In our last "Between Two Nerds" discussion Tom Uren and The Grugq talk about the ways in which intelligence agencies are like cults.
Or watch it on YouTube!
From Risky Bulletin:
A tenth of all new domains last year were malicious: One in every ten new domains registered in 2025 were linked to malicious activity and were eventually added to one or more cybersecurity blocklists.
A total of 84,961,989 domains were created last year and 8,496,811 were later added to a blocklist, according to an Interisle report published on Monday.
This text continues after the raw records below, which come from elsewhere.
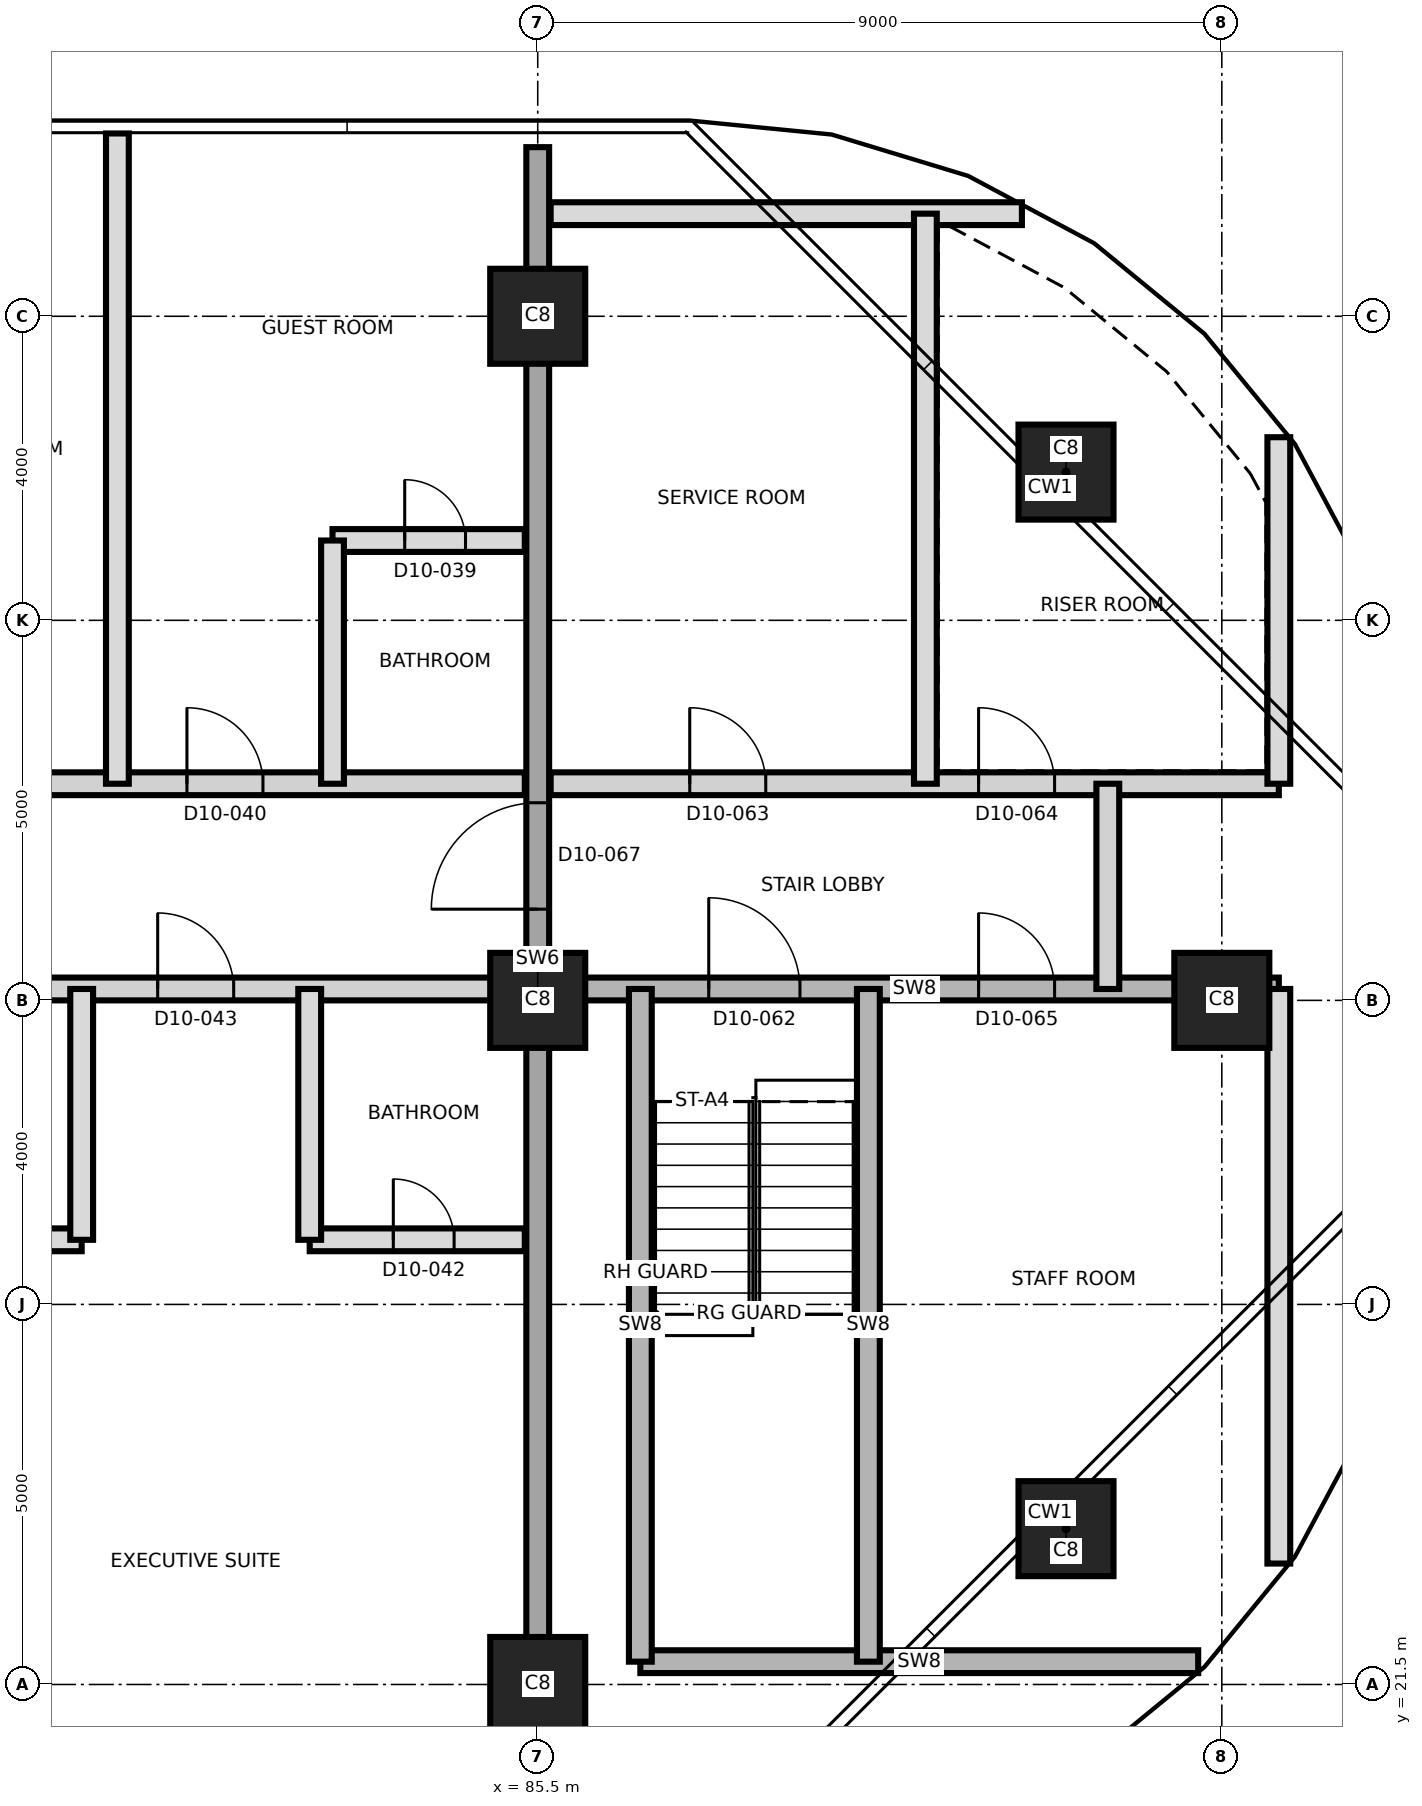
"""IFC4 building model, lengths in metres.
Left out: names, types, materials, properties, quantities, classifications, styles, units other than length and angle.
Written with IfcOpenShell. Run it as: python <this file> out.ifc"""

import sys

from ifc_helpers import new_model, si_unit, direction, frame, frame_2d, origin, origin_2d, place, context, subcontext, project, spatial, rectangle, extrude, element, fill, save


model = new_model("IFC4")
c1 = context("Model", 3, precision=1e-05, world=origin(), true_north=direction((0.0, 1.0)))
c2 = subcontext(c1, "Body", "Model", "MODEL_VIEW")
j1 = project(units=[si_unit("LENGTHUNIT", "METRE"), si_unit("PLANEANGLEUNIT", "RADIAN")], contexts=[c1])
p1 = place(None, origin())
s1 = spatial("IfcSite", under=j1, at=p1, CompositionType="ELEMENT")
p2 = place(p1, origin())
s2 = spatial("IfcBuilding", under=s1, at=p2, CompositionType="ELEMENT")
p3 = place(p2, frame((0.0, 0.0, 120.4)))
s3 = spatial("IfcBuildingStorey", under=s2, at=p3, CompositionType="ELEMENT", Elevation=120.4)
for number, where, z_axis, x_axis in (
    (1, (85.5, 21.5, 0.0), (0.0, 0.0, 1.0), (1.0, 0.0, 0.0)),
    (2, (92.45, 23.55, 0.0), (0.0, 0.0, 1.0), (1.0, 0.0, 0.0)),
    (3, (85.5, 30.5, 0.0), (0.0, 0.0, 1.0), (1.0, 0.0, 0.0)),
    (4, (94.5, 30.5, 0.0), (0.0, 0.0, 1.0), (1.0, 0.0, 0.0)),
    (5, (92.45, 37.45, 0.0), (0.0, 0.0, 1.0), (1.0, 0.0, 0.0)),
    (6, (85.5, 39.5, 0.0), (0.0, 0.0, 1.0), (1.0, 0.0, 0.0)),
):
    element("IfcColumn", number, at=place(p3, frame(where, z_axis=z_axis, x_axis=x_axis)), inside=s3, PredefinedType="COLUMN", context=c2, shape_type="SweptSolid", body=[
        extrude(rectangle(XDim=1.25, YDim=1.25, at=origin_2d()), origin(), (0.0, 0.0, 1.0), 3.7),
    ])
p4 = place(p3, frame((85.5, 19.275, 0.0), z_axis=(0.0, 0.0, 1.0), x_axis=(0.0, 1.0, 0.0)))
e7 = element("IfcWall", 7, at=p4, inside=s3, PredefinedType="SHEAR", context=c2, shape_type="SweptSolid", body=[
    extrude(rectangle(XDim=22.45, YDim=0.3, at=frame_2d((11.225, 0.0))), origin(), (0.0, 0.0, 1.0), 3.7),
])
p5 = place(p4, frame((12.425, 0.0, 0.0)))
e8 = element("IfcOpeningElement", 8, at=p5, cuts=e7, PredefinedType="OPENING", context=c2, shape_type="SweptSolid", body=[
    extrude(rectangle(XDim=1.4, YDim=2.1, at=frame_2d((0.7, 1.05))), frame((0.0, 0.16, 0.0), z_axis=(0.0, -1.0, 0.0), x_axis=(1.0, 0.0, 0.0)), (0.0, 0.0, 1.0), 0.32),
])
p6 = place(p3, frame((86.85, 21.8, 0.0), z_axis=(0.0, 0.0, 1.0), x_axis=(1.0, 0.0, 0.0)))
e9 = element("IfcWall", 9, at=p6, inside=s3, PredefinedType="SHEAR", context=c2, shape_type="SweptSolid", body=[
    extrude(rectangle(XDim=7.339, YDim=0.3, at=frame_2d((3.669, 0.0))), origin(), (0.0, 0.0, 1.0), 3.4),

Researchers believe the actual number of malicious domains may be double that, at around 16.8 million, with new domains expected to be blacklisted once they are deployed in operations in the wild later on.
[more on Risky Bulletin]
Russia greatly expands SORM surveillance requirements: The Russian government has greatly expanded the amount of personal and technical data that mobile operators and internet service providers must collect from their customers and share with state authorities.
This data collection is part of a surveillance system used in Russia named SORM, which stands for the System for Operative Investigative Activities. SORM works through special equipment installed at local telcos that collects data on the company's traffic and uploads it to a government database where the police and intelligence services can query it for their investigations.
Over the years as networking equipment has become more powerful, SORM has been slowly updated with new collection rules that telcos must comply with or face a fine.
[more on Risky Bulletin]
Dutch police take down giant botnet of 17 million devices: Dutch authorities have conducted one of the largest-ever malware disruptions and took down a botnet that infected more than 17 million devices across the world.
The botnet was made up of computers, tablets, and smartphones that had been used to send out spam emails, phishing lures, and carry out DDoS attacks.
Dutch Police and the country's national cybersecurity agency seized more than 200 servers at a local provider, servers that had been used to grow and control the botnet.